Hi i posted about a problem that is now resolved with my azureus, i've seen him eat. Anyway, what the heak is cryptophyllobates azureiventris? I want to buy 5 of them off midwest dartfrogs for 100 bucks. Cheap aint it? They are really pretty too unlike the other inexpensive darts. Does anyone have them or know about them? All i know is that they are a Peruvian species. How big does cryptophyllobates azureiventris get? Is the care different than other darts? Are they easy to breed? Are there differnet morphs? Are they hard to care for?

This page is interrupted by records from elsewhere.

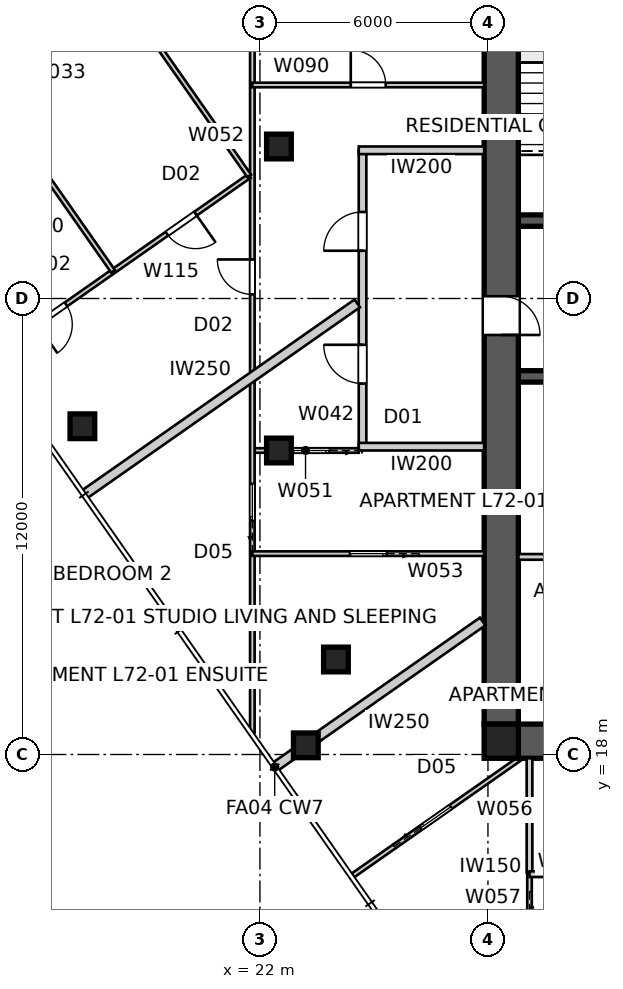
"""IFC4 building model, lengths in metres.
Left out: names, types, materials, properties, quantities, classifications, styles, units other than length and angle.
Written with IfcOpenShell. Run it as: python <this file> out.ifc"""

import sys

from ifc_helpers import new_model, si_unit, direction, frame, frame_2d, origin, origin_2d, place, context, subcontext, project, spatial, polyline, rectangle, outline, extrude, element, fill, save


model = new_model("IFC4")
c1 = context("Model", 3, precision=1e-05, world=origin(), true_north=direction((0.0, 1.0)))
c2 = subcontext(c1, "Body", "Model", "MODEL_VIEW")
j1 = project(units=[si_unit("LENGTHUNIT", "METRE"), si_unit("PLANEANGLEUNIT", "RADIAN")], contexts=[c1])
p1 = place(None, origin())
s1 = spatial("IfcSite", under=j1, at=p1, CompositionType="ELEMENT")
p2 = place(p1, origin())
s2 = spatial("IfcBuilding", under=s1, at=p2, CompositionType="ELEMENT")
p3 = place(p2, frame((0.0, 0.0, 260.8)))
s3 = spatial("IfcBuildingStorey", under=s2, at=p3, CompositionType="ELEMENT", Elevation=260.8)
p4 = place(p3, frame((51.2, 18.35, 0.0), z_axis=(0.0, 0.0, 1.0), x_axis=(-1.0, 0.0, 0.0)))
e1 = element("IfcWall", 1, at=p4, inside=s3, PredefinedType="SHEAR", context=c2, shape_type="SweptSolid", body=[
    extrude(outline(polyline([(0.0, -0.45), (22.4, -0.45), (22.4, -0.025), (22.85, -0.025), (22.85, 0.025), (22.4, 0.025), (22.4, 0.45), (0.0, 0.45), (0.0, 0.025), (-0.45, 0.025), (-0.45, -0.025), (0.0, -0.025), (0.0, -0.45)])), origin(), (0.0, 0.0, 1.0), 3.4),
])
p5 = place(p3, frame((28.35, 41.2, 0.0), z_axis=(0.0, 0.0, 1.0), x_axis=(0.0, -1.0, 0.0)))
e2 = element("IfcWall", 2, at=p5, inside=s3, PredefinedType="SHEAR", context=c2, shape_type="SweptSolid", body=[
    extrude(outline(polyline([(0.0, -0.45), (22.4, -0.45), (22.4, -0.025), (22.85, -0.025), (22.85, 0.025), (22.4, 0.025), (22.4, 0.45), (0.0, 0.45), (0.0, 0.025), (-0.45, 0.025), (-0.45, -0.025), (0.0, -0.025), (0.0, -0.45)])), origin(), (0.0, 0.0, 1.0), 3.4),
])
p6 = place(p5, frame((11.14, 0.0, 0.0)))
e3 = element("IfcOpeningElement", 3, at=p6, cuts=e2, PredefinedType="OPENING", context=c2, shape_type="SweptSolid", body=[
    extrude(rectangle(XDim=1.02, YDim=2.4, at=frame_2d((0.51, 1.2))), frame((0.0, 0.46, 0.0), z_axis=(0.0, -1.0, 0.0), x_axis=(1.0, 0.0, 0.0)), (0.0, 0.0, 1.0), 0.92),
])
p7 = place(p3, frame((28.8, 32.05, 0.0), z_axis=(0.0, 0.0, 1.0), x_axis=(1.0, 0.0, 0.0)))
e4 = element("IfcWall", 4, at=p7, inside=s3, PredefinedType="SHEAR", context=c2, shape_type="SweptSolid", body=[
    extrude(rectangle(XDim=22.4, YDim=0.3, at=frame_2d((11.2, 0.0))), origin(), (0.0, 0.0, 1.0), 3.4),
])
p8 = place(p7, frame((19.04, 0.0, 0.0)))
e5 = element("IfcOpeningElement", 5, at=p8, cuts=e4, PredefinedType="OPENING", context=c2, shape_type="SweptSolid", body=[
    extrude(rectangle(XDim=0.92, YDim=2.1, at=frame_2d((0.46, 1.05))), frame((0.0, 0.16, 0.0), z_axis=(0.0, -1.0, 0.0), x_axis=(1.0, 0.0, 0.0)), (0.0, 0.0, 1.0), 0.32),
])
p9 = place(p7, frame((1.265, 0.0, 0.0)))
e6 = element("IfcOpeningElement", 6, at=p9, cuts=e4, PredefinedType="OPENING", context=c2, shape_type="SweptSolid", body=[
    extrude(rectangle(XDim=1.02, YDim=2.1, at=frame_2d((0.51, 1.05))), frame((0.0, 0.16, 0.0), z_axis=(0.0, -1.0, 0.0), x_axis=(1.0, 0.0, 0.0)), (0.0, 0.0, 1.0), 0.32),
])
p10 = place(p7, frame((4.015, 0.0, 0.0)))
e7 = element("IfcOpeningElement", 7, at=p10, cuts=e4, PredefinedType="OPENING", context=c2, shape_type="SweptSolid", body=[
    extrude(rectangle(XDim=0.92, YDim=2.1, at=frame_2d((0.46, 1.05))), frame((0.0, 0.16, 0.0), z_axis=(0.0, -1.0, 0.0), x_axis=(1.0, 0.0, 0.0)), (0.0, 0.0, 1.0), 0.32),
])
p11 = place(p7, frame((6.565, 0.0, 0.0)))
e8 = element("IfcOpeningElement", 8, at=p11, cuts=e4, PredefinedType="OPENING", context=c2, shape_type="SweptSolid", body=[
    extrude(rectangle(XDim=0.92, YDim=2.1, at=frame_2d((0.46, 1.05))), frame((0.0, 0.16, 0.0), z_axis=(0.0, -1.0, 0.0), x_axis=(1.0, 0.0, 0.0)), (0.0, 0.0, 1.0), 0.32),
])
p12 = place(p7, frame((8.89, 0.0, 0.0)))
e9 = element("IfcOpeningElement", 9, at=p12, cuts=e4, PredefinedType="OPENING", context=c2, shape_type="SweptSolid", body=[
    extrude(rectangle(XDim=0.92, YDim=2.1, at=frame_2d((0.46, 1.05))), frame((0.0, 0.16, 0.0), z_axis=(0.0, -1.0, 0.0), x_axis=(1.0, 0.0, 0.0)), (0.0, 0.0, 1.0), 0.32),
])
p13 = place(p7, frame((12.05, 0.0, 0.0)))
e10 = element("IfcOpeningElement", 10, at=p13, cuts=e4, PredefinedType="OPENING", context=c2, shape_type="SweptSolid", body=[
    extrude(rectangle(XDim=1.1, YDim=2.1, at=frame_2d((0.55, 1.05))), frame((0.0, 0.16, 0.0), z_axis=(0.0, -1.0, 0.0), x_axis=(1.0, 0.0, 0.0)), (0.0, 0.0, 1.0), 0.32),
])
p14 = place(p7, frame((14.85, 0.0, 0.0)))
e11 = element("IfcOpeningElement", 11, at=p14, cuts=e4, PredefinedType="OPENING", context=c2, shape_type="SweptSolid", body=[
    extrude(rectangle(XDim=1.1, YDim=2.1, at=frame_2d((0.55, 1.05))), frame((0.0, 0.16, 0.0), z_axis=(0.0, -1.0, 0.0), x_axis=(1.0, 0.0, 0.0)), (0.0, 0.0, 1.0), 0.32),
])
p15 = place(p3, frame((51.2, 27.95, 0.0), z_axis=(0.0, 0.0, 1.0), x_axis=(-1.0, 0.0, 0.0)))
e12 = element("IfcWall", 12, at=p15, inside=s3, PredefinedType="SHEAR", context=c2, shape_type="SweptSolid", body=[
    extrude(rectangle(XDim=22.4, YDim=0.3, at=frame_2d((11.2, 0.0))), origin(), (0.0, 0.0, 1.0), 3.4),
])
p16 = place(p15, frame((19.04, 0.0, 0.0)))
e13 = element("IfcOpeningElement", 13, at=p16, cuts=e12, PredefinedType="OPENING", context=c2, shape_type="SweptSolid", body=[
    extrude(rectangle(XDim=0.92, YDim=2.1, at=frame_2d((0.46, 1.05))), frame((0.0, 0.16, 0.0), z_axis=(0.0, -1.0, 0.0), x_axis=(1.0, 0.0, 0.0)), (0.0, 0.0, 1.0), 0.32),
])
p17 = place(p15, frame((1.265, 0.0, 0.0)))
e14 = element("IfcOpeningElement", 14, at=p17, cuts=e12, PredefinedType="OPENING", context=c2, shape_type="SweptSolid", body=[
    extrude(rectangle(XDim=1.02, YDim=2.1, at=frame_2d((0.51, 1.05))), frame((0.0, 0.16, 0.0), z_axis=(0.0, -1.0, 0.0), x_axis=(1.0, 0.0, 0.0)), (0.0, 0.0, 1.0), 0.32),
])
p18 = place(p15, frame((4.015, 0.0, 0.0)))
e15 = element("IfcOpeningElement", 15, at=p18, cuts=e12, PredefinedType="OPENING", context=c2, shape_type="SweptSolid", body=[
    extrude(rectangle(XDim=0.92, YDim=2.1, at=frame_2d((0.46, 1.05))), frame((0.0, 0.16, 0.0), z_axis=(0.0, -1.0, 0.0), x_axis=(1.0, 0.0, 0.0)), (0.0, 0.0, 1.0), 0.32),
])
p19 = place(p15, frame((8.89, 0.0, 0.0)))
e16 = element("IfcOpeningElement", 16, at=p19, cuts=e12, PredefinedType="OPENING", context=c2, shape_type="SweptSolid", body=[
    extrude(rectangle(XDim=0.92, YDim=2.1, at=frame_2d((0.46, 1.05))), frame((0.0, 0.16, 0.0), z_axis=(0.0, -1.0, 0.0), x_axis=(1.0, 0.0, 0.0)), (0.0, 0.0, 1.0), 0.32),
])
p20 = place(p15, frame((6.565, 0.0, 0.0)))
e17 = element("IfcOpeningElement", 17, at=p20, cuts=e12, PredefinedType="OPENING", context=c2, shape_type="SweptSolid", body=[
    extrude(rectangle(XDim=0.92, YDim=2.1, at=frame_2d((0.46, 1.05))), frame((0.0, 0.16, 0.0), z_axis=(0.0, -1.0, 0.0), x_axis=(1.0, 0.0, 0.0)), (0.0, 0.0, 1.0), 0.32),
])
p21 = place(p15, frame((12.05, 0.0, 0.0)))
e18 = element("IfcOpeningElement", 18, at=p21, cuts=e12, PredefinedType="OPENING", context=c2, shape_type="SweptSolid", body=[
    extrude(rectangle(XDim=1.1, YDim=2.1, at=frame_2d((0.55, 1.05))), frame((0.0, 0.16, 0.0), z_axis=(0.0, -1.0, 0.0), x_axis=(1.0, 0.0, 0.0)), (0.0, 0.0, 1.0), 0.32),
])
p22 = place(p15, frame((14.85, 0.0, 0.0)))
e19 = element("IfcOpeningElement", 19, at=p22, cuts=e12, PredefinedType="OPENING", context=c2, shape_type="SweptSolid", body=[
    extrude(rectangle(XDim=1.1, YDim=2.1, at=frame_2d((0.55, 1.05))), frame((0.0, 0.16, 0.0), z_axis=(0.0, -1.0, 0.0), x_axis=(1.0, 0.0, 0.0)), (0.0, 0.0, 1.0), 0.32),
])
p23 = place(p3, frame((28.35, 18.35, 0.0), z_axis=(0.0, 0.0, 1.0), x_axis=(1.0, 0.0, 0.0)))
e20 = element("IfcColumn", 20, at=p23, inside=s3, PredefinedType="COLUMN", context=c2, shape_type="SweptSolid", body=[
    extrude(rectangle(XDim=0.9, YDim=0.9, at=origin_2d()), origin(), (0.0, 0.0, 1.0), 3.4),
])
for number, where, z_axis, x_axis in (
    (21, (17.328, 26.638, 0.0), (0.0, 0.0, 1.0), (1.0, 0.0, 0.0)),
    (22, (23.207, 18.242, 0.0), (0.0, 0.0, 1.0), (1.0, 0.0, 0.0)),
    (23, (22.5, 34.0, 0.0), (0.0, 0.0, 1.0), (1.0, 0.0, 0.0)),
    (24, (22.5, 26.0, 0.0), (0.0, 0.0, 1.0), (1.0, 0.0, 0.0)),
    (25, (24.0, 20.5, 0.0), (0.0, 0.0, 1.0), (1.0, 0.0, 0.0)),
):
    element("IfcColumn", number, at=place(p3, frame(where, z_axis=z_axis, x_axis=x_axis)), inside=s3, PredefinedType="COLUMN", context=c2, shape_type="SweptSolid", body=[
        extrude(rectangle(XDim=0.65, YDim=0.65, at=origin_2d()), origin(), (0.0, 0.0, 1.0), 3.4),
    ])
p24 = place(p3, frame((24.7, 26.1, 0.0), z_axis=(0.0, 0.0, 1.0), x_axis=(0.0, 1.0, 0.0)))
e26 = element("IfcWall", 26, at=p24, inside=s3, PredefinedType="PARTITIONING", context=c2, shape_type="SweptSolid", body=[
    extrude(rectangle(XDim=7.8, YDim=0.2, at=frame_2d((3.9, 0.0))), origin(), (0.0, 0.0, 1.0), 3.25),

Are they compatible with other species? Any links or advice based on these questions will be greatly appreciated. Midwest dartfrogs' information is'nt informative enough to answer these questions.


----------



## stemcellular (Jun 26, 2008)

They breed like rabbits. Post a want ad for them and you will likely hear back from a lot of folks. 

Dendrobates.org - Hyloxalus azureiventris


----------



## kingnicky101 (Feb 20, 2009)

So how big do they get, adult thumbnail size, adult azureus size, in the middle?


----------



## yours (Nov 11, 2007)

From what I hear, they are about an inch long....skinny frogs with a great call!  Terrestrial too...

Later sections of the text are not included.